The statement that I find frustrating and just wanted to stand up and yell “Are you fucking kidding me!’ was when Michael Morgan stated “Mr.Gloor was free to present and did present any evidence he wanted in respect to how his business operated.” but then follows with “He was free to present whatever evidence in regard to his operation he wanted. He just wasn’t allowed to make the legal argument. So, he had his chance to try and prove he was in compliance.” You read that right, he could present whatever he wanted to, but it wouldn’t be held to his defence, so why fucking submit it?
I believe Lance’s lawyer made a solid argument about the due process which when reasonably consider would have ruled in his favour thus there never would have been a record of prosecution.
If you have the time, watch the hearing for yourself, the whole thing is only 17 minutes and 41 seconds.

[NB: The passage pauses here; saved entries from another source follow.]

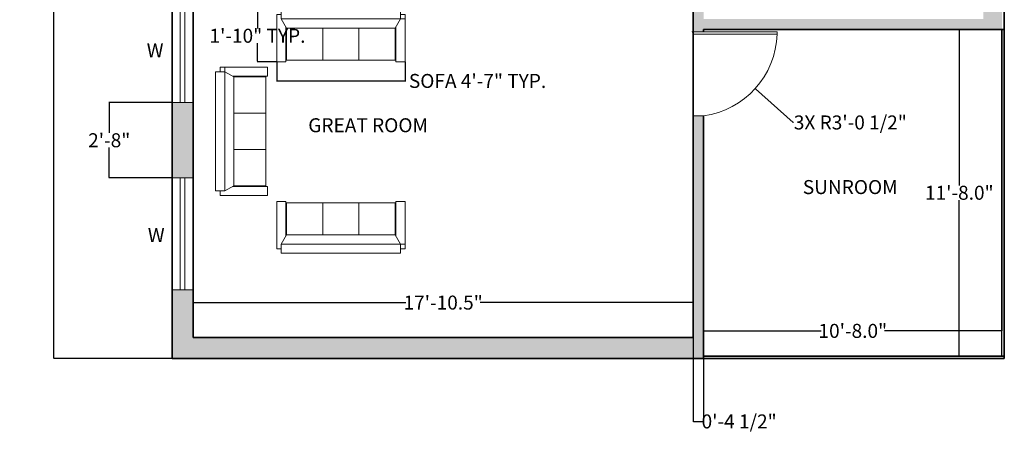
# Model space of a CAD drawing. Units: inches. Extents: x 302 to 1258, y 831 to 1373.
# Tile 7 of 13: x 781 to 1203, y 831 to 1012. Entities that reach past the tile are written whole.
import ezdxf

# ---------------------------------------------------------------- set-up
doc = ezdxf.new("R2010")
doc.units = ezdxf.units.IN
doc.header["$MEASUREMENT"] = 0
for name, color, linetype, lineweight in [('A-ANNO-DIMS', 2, 'Continuous', 18), ('A-ANNO-TEXT', 7, 'Continuous', 18), ('A-AREA-IDEN', 7, 'Continuous', 18), ('A-DOOR', 3, 'Continuous', 18), ('A-FURN', 8, 'Continuous', 18), ('A-GLAZ', 4, 'Continuous', 18), ('A-WALL', 7, 'Continuous', 35), ('A-WALL-PATT', 251, 'Continuous', 13)]:
    doc.layers.add(name, color=color, linetype=linetype, lineweight=lineweight)
doc.styles.get("Standard").update_dxf_attribs({"font": 'arial.ttf'})
doc.dimstyles.get("Standard").update_dxf_attribs({"dimtxt": 6, "dimasz": 0.18, "dimexe": 0.18, "dimexo": 0.0625, "dimgap": 0.09, "dimtad": 0, "dimtih": 1, "dimtoh": 1, "dimdec": 1, "dimzin": 0, "dimdsep": 46, "dimlunit": 3, "dimtxsty": 'Standard', "dimcen": 0.09, "dimadec": 0, "dimazin": 0, "dimtfac": 1, "dimtdec": 1, "dimtofl": 0, "dimtmove": 0, "dimatfit": 3, "dimfxl": 1, "dimtolj": 1, "dimtzin": 0, "dimarcsym": 0})

# ---------------------------------------------------------------- blocks, each defined once
blk = doc.blocks.new('*D27')
at = {"layer": 'A-ANNO-DIMS', "color": 0, "lineweight": -2, "transparency": 16777216}
for p, q in [((1074.12, 867.88), (1074.12, 878.8)), ((1202.12, 867.88), (1202.12, 878.8)), ((1074.3, 878.62), (1124.51, 878.62)), ((1201.94, 878.62), (1151.73, 878.62))]:
    blk.add_line(p, q, dxfattribs=at)
at = {"layer": 'A-ANNO-DIMS', "color": 0, "transparency": 16777216}
for points in [[(1074.3, 878.65), (1074.3, 878.59), (1074.12, 878.62)], [(1201.94, 878.65), (1201.94, 878.59), (1202.12, 878.62)]]:
    blk.add_solid(points, dxfattribs=at)
at = {"layer": 'Defpoints', "color": 0, "transparency": 16777216}
for p in [(1202.12, 878.62), (1074.12, 867.82), (1202.12, 867.82)]:
    blk.add_point(p, dxfattribs=at)
at = {"layer": 'A-ANNO-DIMS', "color": 0, "transparency": 16777216, "insert": (1138.12, 878.62), "char_height": 6, "attachment_point": 5}
blk.add_mtext('\\A1;10\'-8.0"', dxfattribs=at)
blk = doc.blocks.new('*D28')
at = {"layer": 'A-ANNO-DIMS', "color": 0, "lineweight": -2, "transparency": 16777216}
for p, q in [((1202.06, 1007.82), (1183.63, 1007.82)), ((1183.81, 1007.64), (1183.81, 940.97)), ((1183.81, 868), (1183.81, 934.67)), ((1202.06, 867.82), (1183.63, 867.82))]:
    blk.add_line(p, q, dxfattribs=at)
at = {"layer": 'A-ANNO-DIMS', "color": 0, "transparency": 16777216}
for points in [[(1183.78, 1007.64), (1183.84, 1007.64), (1183.81, 1007.82)], [(1183.78, 868), (1183.84, 868), (1183.81, 867.82)]]:
    blk.add_solid(points, dxfattribs=at)
at = {"layer": 'Defpoints', "color": 0, "transparency": 16777216}
for p in [(1202.12, 1007.82), (1183.81, 867.82), (1202.12, 867.82)]:
    blk.add_point(p, dxfattribs=at)
at = {"layer": 'A-ANNO-DIMS', "color": 0, "transparency": 16777216, "insert": (1183.81, 937.82), "char_height": 6, "attachment_point": 5}
blk.add_mtext('\\A1;11\'-8.0"', dxfattribs=at)
blk = doc.blocks.new('*D29')
at = {"layer": 'A-ANNO-DIMS', "color": 0, "lineweight": -2, "transparency": 16777216}
for p, q in [((855.12, 875.88), (855.12, 890.93)), ((855.3, 890.75), (946.43, 890.75)), ((1069.44, 890.75), (978.31, 890.75)), ((1069.62, 875.88), (1069.62, 890.93))]:
    blk.add_line(p, q, dxfattribs=at)
at = {"layer": 'A-ANNO-DIMS', "color": 0, "transparency": 16777216}
for points in [[(855.3, 890.78), (855.3, 890.72), (855.12, 890.75)], [(1069.44, 890.78), (1069.44, 890.72), (1069.62, 890.75)]]:
    blk.add_solid(points, dxfattribs=at)
at = {"layer": 'Defpoints', "color": 0, "transparency": 16777216}
for p in [(1069.62, 890.75), (855.12, 875.82), (1069.62, 875.82)]:
    blk.add_point(p, dxfattribs=at)
at = {"layer": 'A-ANNO-DIMS', "color": 0, "transparency": 16777216, "insert": (962.37, 890.75), "char_height": 6, "attachment_point": 5}
blk.add_mtext('\\A1;17\'-10.5"', dxfattribs=at)
blk = doc.blocks.new('*D34')
at = {"layer": 'A-ANNO-DIMS', "color": 0, "lineweight": -2, "transparency": 16777216}
for p, q in [((846.06, 1342.32), (795.24, 1342.32)), ((795.42, 1342.14), (795.42, 1107.72)), ((795.42, 867), (795.42, 1101.41)), ((846.06, 866.82), (795.24, 866.82))]:
    blk.add_line(p, q, dxfattribs=at)
at = {"layer": 'A-ANNO-DIMS', "color": 0, "transparency": 16777216}
for points in [[(795.39, 1342.14), (795.45, 1342.14), (795.42, 1342.32)], [(795.39, 867), (795.45, 867), (795.42, 866.82)]]:
    blk.add_solid(points, dxfattribs=at)
at = {"layer": 'Defpoints', "color": 0, "transparency": 16777216}
for p in [(846.12, 1342.32), (795.42, 866.82), (846.12, 866.82)]:
    blk.add_point(p, dxfattribs=at)
at = {"layer": 'A-ANNO-DIMS', "color": 0, "transparency": 16777216, "insert": (795.42, 1104.57), "char_height": 6, "attachment_point": 5}
blk.add_mtext('\\A1;39\'-7.5"', dxfattribs=at)
blk = doc.blocks.new('SOFA-3-SEAT')
for p, q in [((1.96, 55.04), (22.23, 55.04)), ((1.96, 55.04), (1.96, 53.08)), ((3.92, 55.04), (3.92, 1.96)), ((22.23, 51.12), (22.23, 55.04)), ((0, 53.08), (0, 1.96)), ((3.92, 53.08), (0, 53.08)), ((3.92, 53.08), (7.85, 50.88)), ((7.54, 51.12), (22.23, 51.12)), ((21.57, 50.87), (7.85, 50.87)), ((21.57, 35.3), (7.85, 35.3)), ((21.57, 19.74), (7.85, 19.74)), ((3.92, 1.96), (0, 1.96)), ((1.96, 1.96), (1.96, 0)), ((1.96, 0), (22.23, 0)), ((7.85, 4.17), (3.92, 1.96)), ((7.28, 3.92), (22.23, 3.92)), ((22.23, 3.92), (22.23, 0))]:
    blk.add_line(p, q)
blk.add_lwpolyline([(7.85, 50.88), (7.85, 4.17), (21.57, 4.17), (21.57, 50.87)])
blk = doc.blocks.new('WINDOW-48IN')
for p, q in [((0, 0), (0, 9)), ((0, 9), (48, 9)), ((48, 9), (48, 0)), ((0, 5.5), (48, 5.5)), ((48, 3.5), (0, 3.5)), ((48, 0), (0, 0))]:
    blk.add_line(p, q)
blk = doc.blocks.new('*D47')
at = {"layer": 'A-ANNO-DIMS', "color": 0, "lineweight": -2, "transparency": 16777216}
for p, q in [((890.97, 993.95), (890.97, 985.57)), ((946.01, 993.95), (946.01, 985.57)), ((891.15, 985.75), (945.83, 985.75)), ((946.01, 985.75), (946.19, 985.75))]:
    blk.add_line(p, q, dxfattribs=at)
at = {"layer": 'A-ANNO-DIMS', "color": 0, "transparency": 16777216}
for points in [[(891.15, 985.78), (891.15, 985.72), (890.97, 985.75)], [(945.83, 985.78), (945.83, 985.72), (946.01, 985.75)]]:
    blk.add_solid(points, dxfattribs=at)
at = {"layer": 'Defpoints', "color": 0, "transparency": 16777216}
for p in [(890.97, 994.01), (946.01, 994.01), (946.01, 985.75)]:
    blk.add_point(p, dxfattribs=at)
at = {"layer": 'A-ANNO-DIMS', "color": 0, "transparency": 16777216, "insert": (977.13, 985.75), "char_height": 6, "attachment_point": 5}
blk.add_mtext('\\A1;SOFA 4\'-7" TYP.', dxfattribs=at)
blk = doc.blocks.new('*D48')
at = {"layer": 'A-ANNO-DIMS', "color": 0, "lineweight": -2, "transparency": 16777216}
for p, q in [((890.9, 1016.24), (882.53, 1016.24)), ((882.71, 1016.06), (882.71, 1008.28)), ((882.71, 994.19), (882.71, 1001.97)), ((890.9, 994.01), (882.53, 994.01))]:
    blk.add_line(p, q, dxfattribs=at)
at = {"layer": 'A-ANNO-DIMS', "color": 0, "transparency": 16777216}
for points in [[(882.68, 1016.06), (882.74, 1016.06), (882.71, 1016.24)], [(882.68, 994.19), (882.74, 994.19), (882.71, 994.01)]]:
    blk.add_solid(points, dxfattribs=at)
at = {"layer": 'Defpoints', "color": 0, "transparency": 16777216}
for p in [(890.97, 1016.24), (882.71, 994.01), (890.97, 994.01)]:
    blk.add_point(p, dxfattribs=at)
at = {"layer": 'A-ANNO-DIMS', "color": 0, "transparency": 16777216, "insert": (882.71, 1005.12), "char_height": 6, "attachment_point": 5}
blk.add_mtext('\\A1;1\'-10" TYP.', dxfattribs=at)
blk = doc.blocks.new('*D84')
at = {"layer": 'A-ANNO-DIMS', "color": 0, "lineweight": -2, "transparency": 16777216}
for p, q in [((1069.62, 875.76), (1069.62, 839.64)), ((1074.12, 866.76), (1074.12, 839.64)), ((1069.8, 839.82), (1073.94, 839.82)), ((1074.12, 839.82), (1074.3, 839.82))]:
    blk.add_line(p, q, dxfattribs=at)
at = {"layer": 'A-ANNO-DIMS', "color": 0, "transparency": 16777216}
for points in [[(1069.8, 839.85), (1069.8, 839.79), (1069.62, 839.82)], [(1073.94, 839.85), (1073.94, 839.79), (1074.12, 839.82)]]:
    blk.add_solid(points, dxfattribs=at)
at = {"layer": 'Defpoints', "color": 0, "transparency": 16777216}
for p in [(1069.62, 875.82), (1074.12, 866.82), (1074.12, 839.82)]:
    blk.add_point(p, dxfattribs=at)
at = {"layer": 'A-ANNO-DIMS', "color": 0, "transparency": 16777216, "insert": (1089.36, 839.82), "char_height": 6, "attachment_point": 5}
blk.add_mtext('\\A1;0\'-4 1/2"', dxfattribs=at)
blk = doc.blocks.new('*D90')
at = {"layer": 'A-ANNO-DIMS', "color": 0, "lineweight": -2, "transparency": 16777216}
for p, q in [((846.06, 976.44), (818.94, 976.44)), ((819.12, 976.26), (819.12, 963.47)), ((819.12, 944.38), (819.12, 957.17)), ((846.06, 944.2), (818.94, 944.2))]:
    blk.add_line(p, q, dxfattribs=at)
at = {"layer": 'A-ANNO-DIMS', "color": 0, "transparency": 16777216}
for points in [[(819.09, 976.26), (819.15, 976.26), (819.12, 976.44)], [(819.09, 944.38), (819.15, 944.38), (819.12, 944.2)]]:
    blk.add_solid(points, dxfattribs=at)
at = {"layer": 'Defpoints', "color": 0, "transparency": 16777216}
for p in [(846.12, 976.44), (819.12, 944.2), (846.12, 944.2)]:
    blk.add_point(p, dxfattribs=at)
at = {"layer": 'A-ANNO-DIMS', "color": 0, "transparency": 16777216, "insert": (819.12, 960.32), "char_height": 6, "attachment_point": 5}
blk.add_mtext('\\A1;2\'-8"', dxfattribs=at)
blk = doc.blocks.new('*D96')
at = {"layer": 'A-ANNO-DIMS', "color": 0, "lineweight": -2, "transparency": 16777216}
for p, q in [((1069.21, 1006.82), (1069.39, 1006.82)), ((1069.3, 1006.73), (1069.3, 1006.91)), ((1112.5, 967.95), (1096.44, 982.41)), ((1112.68, 967.95), (1112.5, 967.95))]:
    blk.add_line(p, q, dxfattribs=at)
at = {"layer": 'A-ANNO-DIMS', "color": 0, "transparency": 16777216}
blk.add_solid([(1096.46, 982.43), (1096.42, 982.38), (1096.3, 982.53)], dxfattribs=at)
at = {"layer": 'Defpoints', "color": 0, "transparency": 16777216}
for p in [(1069.3, 1006.82), (1096.3, 982.53)]:
    blk.add_point(p, dxfattribs=at)
at = {"layer": 'A-ANNO-DIMS', "color": 0, "transparency": 16777216, "insert": (1137.06, 967.95), "char_height": 6, "attachment_point": 5}
blk.add_mtext('\\A1;3X R3\'-0 1/2"', dxfattribs=at)

msp = doc.modelspace()

# ---------------------------------------------------------------- hatches: boundary and pattern name
at = {"layer": 'A-WALL-PATT'}
h = msp.add_hatch(color=256, dxfattribs=at)
h.dxf.hatch_style = 1
h.paths.add_polyline_path([(1003.23, 1342.32), (934.03, 1342.32), (934.03, 1333.32), (975.12, 1333.32), (975.12, 1330.32), (979.62, 1330.32), (979.62, 1333.32), (1003.23, 1333.32)])
h.paths.add_polyline_path([(1203.12, 1342.32), (1027.23, 1342.32), (1027.23, 1333.32), (1045.62, 1333.32), (1045.62, 1213.32), (979.62, 1213.32), (979.62, 1306.32), (975.12, 1306.32), (975.12, 1213.32), (974.12, 1213.32), (974.12, 1208.82), (975.12, 1208.82), (1051.12, 1208.82), (1051.12, 1213.32), (1050.12, 1213.32), (1050.12, 1333.32), (1194.12, 1333.32), (1194.12, 1302.71), (1203.12, 1302.71)])
h.paths.add_polyline_path([(855.12, 1333.32), (886.03, 1333.32), (886.03, 1342.32), (846.12, 1342.32), (846.12, 1300.76), (855.12, 1300.76)])
h.paths.add_polyline_path([(938.12, 1213.32), (855.12, 1213.32), (855.12, 1252.76), (846.12, 1252.76), (846.12, 1164.55), (855.12, 1164.55), (855.12, 1208.82), (933.12, 1208.82), (933.12, 1082.82), (937.62, 1082.82), (937.62, 1208.82), (938.12, 1208.82)])
h.paths.add_polyline_path([(855.12, 1116.55), (846.12, 1116.55), (846.12, 1024.44), (855.12, 1024.44)])
h.paths.add_polyline_path([(855.12, 976.44), (846.12, 976.44), (846.12, 944.2), (855.12, 944.2)])
h = msp.add_hatch(color=256, dxfattribs=at)
h.dxf.hatch_style = 1
h.paths.add_polyline_path([(1074.12, 970.82), (1069.62, 970.82), (1069.62, 875.82), (855.12, 875.82), (855.12, 896.2), (846.12, 896.2), (846.12, 866.82), (1074.12, 866.82)])
h.paths.add_polyline_path([(1202.12, 1049.42), (1194.12, 1049.42), (1194.12, 1012.32), (1074.12, 1012.32), (1074.12, 1093.32), (1069.62, 1093.32), (1069.62, 1006.82), (1074.12, 1006.82), (1074.12, 1007.82), (1194.12, 1007.82), (1202.12, 1007.82)])

# ---------------------------------------------------------------- linework, layer by layer
at = {"layer": 'A-DOOR'}
for p, q in [((1069.62, 1007.82), (1069.62, 1006.82)), ((1069.62, 1006.82), (1105.62, 1006.82)), ((1069.62, 1006.82), (1069.62, 970.82)), ((1105.62, 1005.82), (1069.62, 1005.82)), ((1105.62, 1006.82), (1105.62, 1005.82)), ((1069.62, 970.82), (1074.12, 970.82))]:
    msp.add_line(p, q, dxfattribs=at)
msp.add_arc((1069.3, 1006.82), 36.32, 277.6281, 358.4223, dxfattribs=at)
at = {"layer": 'A-WALL'}
for p, q in [((846.12, 1342.32), (846.12, 866.82)), ((1203.12, 866.82), (1203.12, 1342.32)), ((855.12, 1208.82), (855.12, 875.82)), ((1069.62, 1136.82), (1069.62, 875.82)), ((1203.12, 1097.42), (1203.12, 866.82)), ((1074.12, 1007.82), (1194.12, 1007.82)), ((1074.12, 1007.82), (1074.12, 1006.82)), ((1194.12, 1007.82), (1202.12, 1007.82)), ((1202.12, 1007.82), (1203.12, 1007.82)), ((1202.12, 878.62), (1202.12, 1007.82)), ((1074.12, 970.82), (1074.12, 866.82)), ((855.12, 875.82), (1069.62, 875.82)), ((846.12, 866.82), (1203.12, 866.82)), ((1074.12, 867.82), (1203.12, 867.82))]:
    msp.add_line(p, q, dxfattribs=at)

# ---------------------------------------------------------------- block references
at = {"layer": 'A-FURN', "rotation": 269.9999999999992}
msp.add_blockref('SOFA-3-SEAT', (890.97, 1016.24), dxfattribs=at)
at = {"layer": 'A-FURN'}
msp.add_blockref('SOFA-3-SEAT', (864.75, 936.64), dxfattribs=at)
at = {"layer": 'A-FURN', "extrusion": (0, 0, -1), "zscale": -1, "rotation": 90.00000000000014}
msp.add_blockref('SOFA-3-SEAT', (-890.97, 911.89), dxfattribs=at)
at = {"layer": 'A-GLAZ'}
for p, rotation in [((855.12, 976.44), 89.99999999999999), ((855.12, 896.2), 89.99999999999952)]:
    msp.add_blockref('WINDOW-48IN', p, dxfattribs=dict(at, rotation=rotation))

# ---------------------------------------------------------------- texts
at = {"layer": 'A-ANNO-TEXT', "char_height": 6, "attachment_point": 1}
for insert in [(835.21, 1001.86), (835.68, 922.67)]:
    msp.add_mtext_dynamic_manual_height_columns('W', width=16.4894, gutter_width=30, heights=[0], dxfattribs=dict(at, insert=insert))
at = {"layer": 'A-AREA-IDEN', "char_height": 6, "attachment_point": 1}
for s, width, insert in [('GREAT ROOM', 95.2258, (904.51, 969.76)), ('SUNROOM', 53.6425, (1116.68, 943.26))]:
    msp.add_mtext_dynamic_manual_height_columns(s, width=width, gutter_width=30, heights=[0], dxfattribs=dict(at, insert=insert))

# ---------------------------------------------------------------- dimensions: what is measured, and where the dimension line sits
at = {"layer": 'A-ANNO-DIMS'}
for base, p1, p2, override, picture, middle in [((795.42, 866.82), (846.12, 1342.32), (846.12, 866.82), {"dimclrd": 0, "dimclre": 0, "dimclrt": 0}, '*D34', (795.42, 1104.57)), ((1183.81, 867.82), (1202.12, 1007.82), (1202.12, 867.82), {"dimclrd": 0, "dimclre": 0, "dimclrt": 0}, '*D28', (1183.81, 937.82)), ((819.12, 944.2), (846.12, 976.44), (846.12, 944.2), {"dimdec": 1, "dimlfac": 1, "dimrnd": 0, "dimzin": 1, "dimdsep": 46, "dimlunit": 4, "dimfrac": 2}, '*D90', (819.12, 960.32))]:
    dim = msp.add_linear_dim(base=base, p1=p1, p2=p2, angle=90, dimstyle='Standard', override=override, dxfattribs=at)
    dim.commit()
    dim.dimension.update_dxf_attribs({"geometry": picture, "text_midpoint": middle})
dim = msp.add_linear_dim(base=(882.71, 994.01), p1=(890.97, 1016.24), p2=(890.97, 994.01), angle=270, text='<> TYP.', dimstyle='Standard', override={"dimdec": 1, "dimlfac": 1, "dimrnd": 0, "dimzin": 1, "dimdsep": 46, "dimlunit": 4, "dimfrac": 2}, dxfattribs=at)
dim.commit()
dim.dimension.update_dxf_attribs({"geometry": '*D48', "text_midpoint": (882.71, 1005.12)})
dim = msp.add_radius_dim(center=(1069.3, 1006.82), mpoint=(1096.3, 982.53), text='3X <>', dimstyle='Standard', override={"dimdec": 1, "dimlfac": 1, "dimrnd": 0, "dimzin": 1, "dimdsep": 46, "dimlunit": 4, "dimfrac": 2}, dxfattribs=at)
dim.commit()
dim.dimension.update_dxf_attribs({"geometry": '*D96', "text_midpoint": (1137.06, 967.95), "dimtype": 164})
dim = msp.add_linear_dim(base=(946.01, 985.75), p1=(890.97, 994.01), p2=(946.01, 994.01), text='SOFA <> TYP.', dimstyle='Standard', override={"dimdec": 1, "dimlfac": 1, "dimrnd": 0, "dimzin": 1, "dimdsep": 46, "dimlunit": 4, "dimfrac": 2}, dxfattribs=at)
dim.commit()
dim.dimension.update_dxf_attribs({"geometry": '*D47', "text_midpoint": (977.13, 985.75)})
for base, p1, p2, override, picture, middle in [((1069.62, 890.75), (855.12, 875.82), (1069.62, 875.82), {"dimclrd": 0, "dimclre": 0, "dimclrt": 0}, '*D29', (962.37, 890.75)), ((1202.12, 878.62), (1074.12, 867.82), (1202.12, 867.82), {"dimclrd": 0, "dimclre": 0, "dimclrt": 0}, '*D27', (1138.12, 878.62)), ((1074.12, 839.82), (1069.62, 875.82), (1074.12, 866.82), {"dimdec": 1, "dimlfac": 1, "dimrnd": 0, "dimzin": 1, "dimdsep": 46, "dimlunit": 4, "dimfrac": 2}, '*D84', (1089.36, 839.82))]:
    dim = msp.add_linear_dim(base=base, p1=p1, p2=p2, dimstyle='Standard', override=override, dxfattribs=at)
    dim.commit()
    dim.dimension.update_dxf_attribs({"geometry": picture, "text_midpoint": middle})

doc.saveas('drawing.dxf')

Each side was given 10 minutes to be heard. 10 minutes after serving two years behind bars for a chance to argue for freedom. 10 minutes and he wasn’t even able to be present, but there was a courtroom full of supporters. When Lance’s case adjourned, so did half the room. Lance was given 10 minutes for a second chance, and I think he deserves it for it should not be easier to put a person behind bars over a bad law than it is to release them.
Story Correction/Update: Full disclaimer, I am not a reporter or lawyer, I’m just someone that believes that we have an unjust law that has been created by our justice system. Lance’s lawyer read my article and had the following corrections but overall my argument was solid, just some dates and legal lingo that I did not land correctly.
Lance’s attorney: My only comment to correct the factual record is that Lance was arrested in 2013. The congressional appropriations rider was signed into law in 2014. The author states the rider was in effect when Lance was arrested. It was not. However, it is true that arguably before Lance went to trial in 2015, the Department of Justice should have been prohibited from spending funds on the trial until Lance received an evidentiary hearing to determine whether he could present a successful affirmative defense under Washington law.